18 novembre 2025 · 6 min de lecture
Bien hiverner sa piscine dans le Var
Par l'équipe AZUR

Hiverner une piscine à Cogolin n'a rien à voir avec hiverner à Annecy : ici, le vrai gel est rare, mais le soleil d'hiver et les algues, eux, ne prennent jamais de vacances. Voici la méthode que nos techniciens appliquent sur des centaines de bassins du golfe chaque automne.
Actif ou passif : le bon choix sous notre climat
L'hivernage passif — vidange partielle, canalisations purgées, filtration coupée, bâche opaque — est conçu pour les régions où l'eau gèle en profondeur. Dans le Var, où les gelées sont brèves et superficielles, il est rarement nécessaire, sauf en arrière-pays au-dessus de 400 mètres ou pour une résidence fermée six mois.
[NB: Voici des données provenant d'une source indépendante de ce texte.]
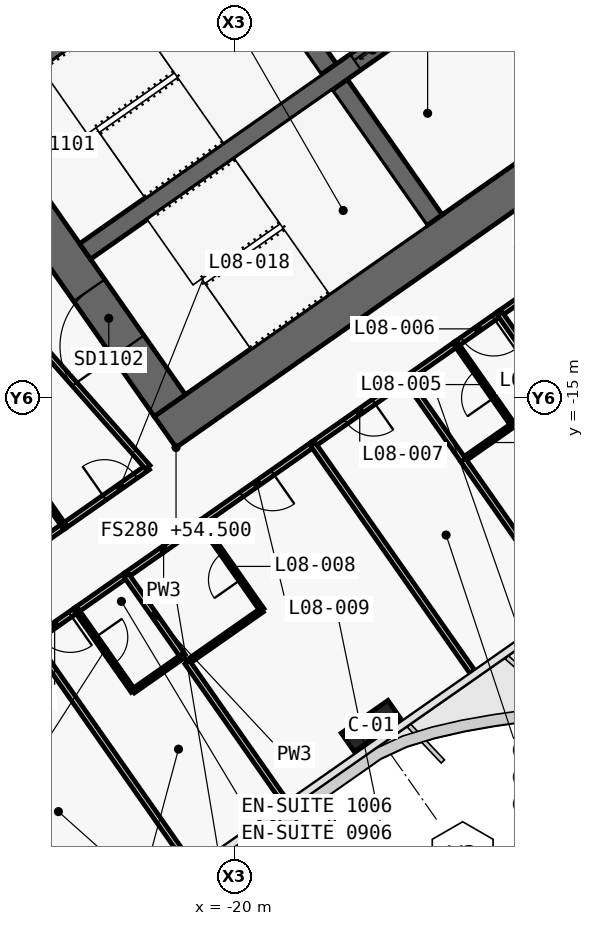
"""IFC4 building model, lengths in metres.
Left out: names, types, materials, properties, quantities, classifications, styles, units other than length and angle.
Written with IfcOpenShell. Run it as: python <this file> out.ifc"""

import sys

from ifc_helpers import new_model, si_unit, direction, frame, frame_2d, origin, origin_2d, place, context, subcontext, project, spatial, polyline, rectangle, outline, extrude, element, fill, save


model = new_model("IFC4")
c1 = context("Model", 3, precision=1e-05, world=origin(), true_north=direction((0.0, 1.0)))
c2 = subcontext(c1, "Body", "Model", "MODEL_VIEW")
j1 = project(units=[si_unit("LENGTHUNIT", "METRE"), si_unit("PLANEANGLEUNIT", "RADIAN")], contexts=[c1])
p1 = place(None, origin())
s1 = spatial("IfcSite", under=j1, at=p1, CompositionType="ELEMENT")
p2 = place(p1, origin())
s2 = spatial("IfcBuilding", under=s1, at=p2, CompositionType="ELEMENT")
p3 = place(p2, frame((0.0, 0.0, 54.5)))
s3 = spatial("IfcBuildingStorey", under=s2, at=p3, CompositionType="ELEMENT", Elevation=54.5)
p4 = place(p3, frame((0.037, 11.867, 0.0), z_axis=(0.0, 0.0, 1.0), x_axis=(-0.819155306259, -0.573571777746, 0.0)))
e1 = element("IfcWall", 1, at=p4, inside=s3, PredefinedType="SHEAR", context=c2, shape_type="SweptSolid", body=[
    extrude(outline(polyline([(33.837, 0.5), (0.7, 0.5), (0.0, -0.5), (33.837, -0.5), (33.837, 0.5)])), origin(), (0.0, 0.0, 1.0), 3.6),
])
p5 = place(p3, frame((0.037, -0.585, 0.0), z_axis=(0.0, 0.0, 1.0), x_axis=(-0.819157152511, -0.573569140985, 0.0)))
e2 = element("IfcWall", 2, at=p5, inside=s3, PredefinedType="SHEAR", context=c2, shape_type="SweptSolid", body=[
    extrude(outline(polyline([(26.695, 0.5), (0.7, 0.5), (0.0, -0.5), (26.695, -0.5), (26.695, 0.5)])), origin(), (0.0, 0.0, 1.0), 3.6),
])
p6 = place(p5, frame((2.995, 0.0, 0.0)))
e3 = element("IfcOpeningElement", 3, at=p6, cuts=e2, PredefinedType="OPENING", context=c2, shape_type="SweptSolid", body=[
    extrude(rectangle(XDim=2.4, YDim=2.1, at=frame_2d((1.2, 1.05))), frame((0.0, 0.51, 0.0), z_axis=(0.0, -1.0, 0.0), x_axis=(1.0, 0.0, 0.0)), (0.0, 0.0, 1.0), 1.02),
])
p7 = place(p5, frame((11.995, 0.0, 0.0)))
e4 = element("IfcOpeningElement", 4, at=p7, cuts=e2, PredefinedType="OPENING", context=c2, shape_type="SweptSolid", body=[
    extrude(rectangle(XDim=2.4, YDim=2.1, at=frame_2d((1.2, 1.05))), frame((0.0, 0.51, 0.0), z_axis=(0.0, -1.0, 0.0), x_axis=(1.0, 0.0, 0.0)), (0.0, 0.0, 1.0), 1.02),
])
p8 = place(p3, frame((-21.708, -15.2, 0.0), z_axis=(0.0, 0.0, 1.0), x_axis=(-0.573576324356, 0.819152122709, 0.0)))
e5 = element("IfcWall", 5, at=p8, inside=s3, PredefinedType="SHEAR", context=c2, shape_type="SweptSolid", body=[
    extrude(outline(polyline([(0.0, 0.5), (0.0, -0.5), (9.2, -0.5), (9.2, 0.5), (0.0, 0.5)])), origin(), (0.0, 0.0, 1.0), 3.6),
])
p9 = place(p8, frame((6.1, 0.0, 0.0)))
e6 = element("IfcOpeningElement", 6, at=p9, cuts=e5, PredefinedType="OPENING", context=c2, shape_type="SweptSolid", body=[
    extrude(rectangle(XDim=1.8, YDim=2.1, at=frame_2d((0.9, 1.05))), frame((0.0, 0.51, 0.0), z_axis=(0.0, -1.0, 0.0), x_axis=(1.0, 0.0, 0.0)), (0.0, 0.0, 1.0), 1.02),
])
p10 = place(p8, frame((1.9, 0.0, 0.0)))
e7 = element("IfcOpeningElement", 7, at=p10, cuts=e5, PredefinedType="OPENING", context=c2, shape_type="SweptSolid", body=[
    extrude(rectangle(XDim=1.8, YDim=2.1, at=frame_2d((0.9, 1.05))), frame((0.0, 0.51, 0.0), z_axis=(0.0, -1.0, 0.0), x_axis=(1.0, 0.0, 0.0)), (0.0, 0.0, 1.0), 1.02),
])
p11 = place(p3, frame((-14.745, -10.324, 0.0), z_axis=(0.0, 0.0, 1.0), x_axis=(-0.57356780395, 0.819158088694, 0.0)))
e8 = element("IfcWall", 8, at=p11, inside=s3, PredefinedType="SHEAR", context=c2, shape_type="SweptSolid", body=[
    extrude(outline(polyline([(4.35, 0.25), (0.0, 0.25), (0.0, -0.25), (4.35, -0.25), (4.35, 0.25)])), origin(), (0.0, 0.0, 1.0), 3.6),
])
p12 = place(p3, frame((-17.527, -6.352, 0.0), z_axis=(0.0, 0.0, 1.0), x_axis=(-0.573530143085, 0.819184457233, 0.0)))
e9 = element("IfcWall", 9, at=p12, inside=s3, PredefinedType="SHEAR", context=c2, shape_type="SweptSolid", body=[
    extrude(outline(polyline([(4.35, -0.25), (4.35, 0.25), (0.0, 0.25), (0.0, -0.25), (4.35, -0.25)])), origin(), (0.0, 0.0, 1.0), 3.6),
])
p13 = place(p3, frame((-2.638, 3.768, 0.0), z_axis=(0.0, 0.0, 1.0), x_axis=(-0.819148977158, -0.573580816643, 0.0)))
e10 = element("IfcWall", 10, at=p13, inside=s3, PredefinedType="SHEAR", context=c2, shape_type="SweptSolid", body=[
    extrude(outline(polyline([(26.0, 0.25), (0.0, 0.25), (0.0, -0.25), (26.0, -0.25), (26.0, 0.25)])), origin(), (0.0, 0.0, 1.0), 3.6),
])
p14 = place(p13, frame((1.169, 0.0, 0.0)))
e11 = element("IfcOpeningElement", 11, at=p14, cuts=e10, PredefinedType="OPENING", context=c2, shape_type="SweptSolid", body=[
    extrude(rectangle(XDim=1.1, YDim=2.1, at=frame_2d((0.55, 1.05))), frame((0.0, 0.26, 0.0), z_axis=(0.0, -1.0, 0.0), x_axis=(1.0, 0.0, 0.0)), (0.0, 0.0, 1.0), 0.52),
])
p15 = place(p13, frame((3.206, 0.0, 0.0)))
e12 = element("IfcOpeningElement", 12, at=p15, cuts=e10, PredefinedType="OPENING", context=c2, shape_type="SweptSolid", body=[
    extrude(rectangle(XDim=1.1, YDim=2.1, at=frame_2d((0.55, 1.05))), frame((0.0, 0.26, 0.0), z_axis=(0.0, -1.0, 0.0), x_axis=(1.0, 0.0, 0.0)), (0.0, 0.0, 1.0), 0.52),
])
p16 = place(p13, frame((5.244, 0.0, 0.0)))
e13 = element("IfcOpeningElement", 13, at=p16, cuts=e10, PredefinedType="OPENING", context=c2, shape_type="SweptSolid", body=[
    extrude(rectangle(XDim=1.1, YDim=2.1, at=frame_2d((0.55, 1.05))), frame((0.0, 0.26, 0.0), z_axis=(0.0, -1.0, 0.0), x_axis=(1.0, 0.0, 0.0)), (0.0, 0.0, 1.0), 0.52),
])
p17 = place(p13, frame((7.281, 0.0, 0.0)))
e14 = element("IfcOpeningElement", 14, at=p17, cuts=e10, PredefinedType="OPENING", context=c2, shape_type="SweptSolid", body=[
    extrude(rectangle(XDim=1.1, YDim=2.1, at=frame_2d((0.55, 1.05))), frame((0.0, 0.26, 0.0), z_axis=(0.0, -1.0, 0.0), x_axis=(1.0, 0.0, 0.0)), (0.0, 0.0, 1.0), 0.52),
])
p18 = place(p13, frame((9.688, 0.0, 0.0)))
e15 = element("IfcOpeningElement", 15, at=p18, cuts=e10, PredefinedType="OPENING", context=c2, shape_type="SweptSolid", body=[
    extrude(rectangle(XDim=1.1, YDim=2.1, at=frame_2d((0.55, 1.05))), frame((0.0, 0.26, 0.0), z_axis=(0.0, -1.0, 0.0), x_axis=(1.0, 0.0, 0.0)), (0.0, 0.0, 1.0), 0.52),
])
p19 = place(p13, frame((11.863, 0.0, 0.0)))
e16 = element("IfcOpeningElement", 16, at=p19, cuts=e10, PredefinedType="OPENING", context=c2, shape_type="SweptSolid", body=[
    extrude(rectangle(XDim=1.1, YDim=2.1, at=frame_2d((0.55, 1.05))), frame((0.0, 0.26, 0.0), z_axis=(0.0, -1.0, 0.0), x_axis=(1.0, 0.0, 0.0)), (0.0, 0.0, 1.0), 0.52),
])
p20 = place(p13, frame((14.038, 0.0, 0.0)))
e17 = element("IfcOpeningElement", 17, at=p20, cuts=e10, PredefinedType="OPENING", context=c2, shape_type="SweptSolid", body=[
    extrude(rectangle(XDim=1.1, YDim=2.1, at=frame_2d((0.55, 1.05))), frame((0.0, 0.26, 0.0), z_axis=(0.0, -1.0, 0.0), x_axis=(1.0, 0.0, 0.0)), (0.0, 0.0, 1.0), 0.52),
])
p21 = place(p13, frame((16.212, 0.0, 0.0)))
e18 = element("IfcOpeningElement", 18, at=p21, cuts=e10, PredefinedType="OPENING", context=c2, shape_type="SweptSolid", body=[
    extrude(rectangle(XDim=1.1, YDim=2.1, at=frame_2d((0.55, 1.05))), frame((0.0, 0.26, 0.0), z_axis=(0.0, -1.0, 0.0), x_axis=(1.0, 0.0, 0.0)), (0.0, 0.0, 1.0), 0.52),
])
p22 = place(p3, frame((-16.41, -23.637, 0.0), z_axis=(0.0, 0.0, 1.0), x_axis=(-0.819152044289, -0.573576436351, 0.0)))
e19 = element("IfcColumn", 19, at=p22, inside=s3, PredefinedType="COLUMN", context=c2, shape_type="SweptSolid", body=[
    extrude(rectangle(XDim=1.5, YDim=0.6, at=origin_2d()), origin(), (0.0, 0.0, 1.0), 3.6),
])
p23 = place(p3, frame((-24.493, -18.371, 0.0), z_axis=(0.0, 0.0, 1.0), x_axis=(0.819176640776, 0.573541307325, 0.0)))
e20 = element("IfcWall", 20, at=p23, inside=s3, PredefinedType="PARTITIONING", context=c2, shape_type="SweptSolid", body=[
    extrude(rectangle(XDim=2.698, YDim=0.15, at=frame_2d((1.349, 0.0))), origin(), (0.0, 0.0, 1.0), 3.32),
])
p24 = place(p23, frame((1.301, 0.0, 0.0)))
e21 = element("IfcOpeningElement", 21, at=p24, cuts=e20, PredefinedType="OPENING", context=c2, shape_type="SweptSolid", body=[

Pour 90 % de nos clients, l'hivernage actif est le bon choix : la piscine reste en eau, la filtration tourne au ralenti (2 à 4 heures par nuit, aux heures les plus froides), et un coffret hors-gel prend le relais si la température chute. Avantages : pas de purge délicate, une remise en route au printemps deux fois plus rapide, et un bassin qui reste beau tout l'hiver — ce qui compte quand on le voit depuis le salon.
Quand hiverner ? Pas trop tôt !
La règle est simple : on hiverne quand l'eau passe durablement sous 12 °C. Au-dessus, les algues et bactéries restent actives ; hiverner trop tôt, c'est leur offrir un bouillon de culture tranquille jusqu'à Noël, et découvrir une eau verte en mars.
Dans le golfe de Saint-Tropez, ce seuil arrive généralement entre mi-novembre et début décembre — parfois plus tard les années douces. Surprenant pour beaucoup de nouveaux propriétaires : dans le Var, on se baigne encore en octobre et on hiverne presque en hiver. Fiez-vous au thermomètre, pas au calendrier.
Les 6 étapes d'un hivernage actif réussi
Un : nettoyage complet — fond, parois, ligne d'eau, paniers de skimmers et préfiltre de pompe. On n'hiverne jamais une eau sale. Deux : analyse et rééquilibrage (pH entre 7,0 et 7,4, TAC correct), puis traitement choc pour partir d'une eau parfaitement saine. Trois : nettoyage du filtre — un contre-lavage soigné, ou un détartrage chimique du sable si l'eau est dure, ce qui est la norme chez nous.
Quatre : produit d'hivernage longue durée, anti-algues et anticalcaire, dosé au volume du bassin. Cinq : réglage de la filtration en cycle court nocturne et vérification du coffret hors-gel. Six : couverture d'hivernage opaque ou volet fermé — elle bloque la lumière, donc la photosynthèse des algues, et protège le bassin des feuilles de novembre. Comptez une bonne demi-journée de travail soigné ; nos forfaits hivernage démarrent à 190 €.
Volet, bâche ou abri : quelle couverture pour l'hiver varois ?
Si votre bassin est équipé d'un volet roulant, gardez-le fermé tout l'hiver : lames propres, bassin à l'abri de la lumière et des feuilles, sécurité assurée. Attention simplement à ne jamais laisser une eau déséquilibrée stagner sous un volet fermé — c'est le meilleur moyen de tacher les lames — et à faire tourner la filtration régulièrement.
Sans volet, la bâche d'hivernage opaque à barres ou à œillets reste la valeur sûre : comptez 800 à 1 500 € pour un bassin de 8 × 4 m, amortis en produits économisés et en heures de nettoyage épargnées au printemps. Les bâches à bulles d'été, elles, doivent être retirées en hiver : elles favorisent les algues dès le premier redoux de février — et dans le Var, il arrive tôt.
Les 4 erreurs qui coûtent cher
Vider entièrement le bassin : jamais sans avis d'un professionnel. Sous nos terrains argileux et sur les nappes du littoral, une coque ou un béton vide peut être soulevé par la poussée du sol — des milliers d'euros de dégâts pour économiser un traitement. Deuxième erreur : couper totalement la filtration « pour économiser » sans hors-gel ni surveillance ; une semaine de mistral glacial suffit à fissurer une canalisation apparente.
Troisième : négliger le pH avant l'hivernage — une eau déséquilibrée attaque le liner tout l'hiver, et la décoloration est irréversible. Quatrième : laisser la bâche s'affaisser sous les eaux de pluie et les feuilles ; une bâche tendue et nettoyée après chaque gros coup de vent dure trois fois plus longtemps. Au printemps, la remise en route (à partir de 170 € chez nous) remet tout d'aplomb — et si vous préférez ne plus y penser du tout, notre formule Sérénité inclut les deux opérations chaque année.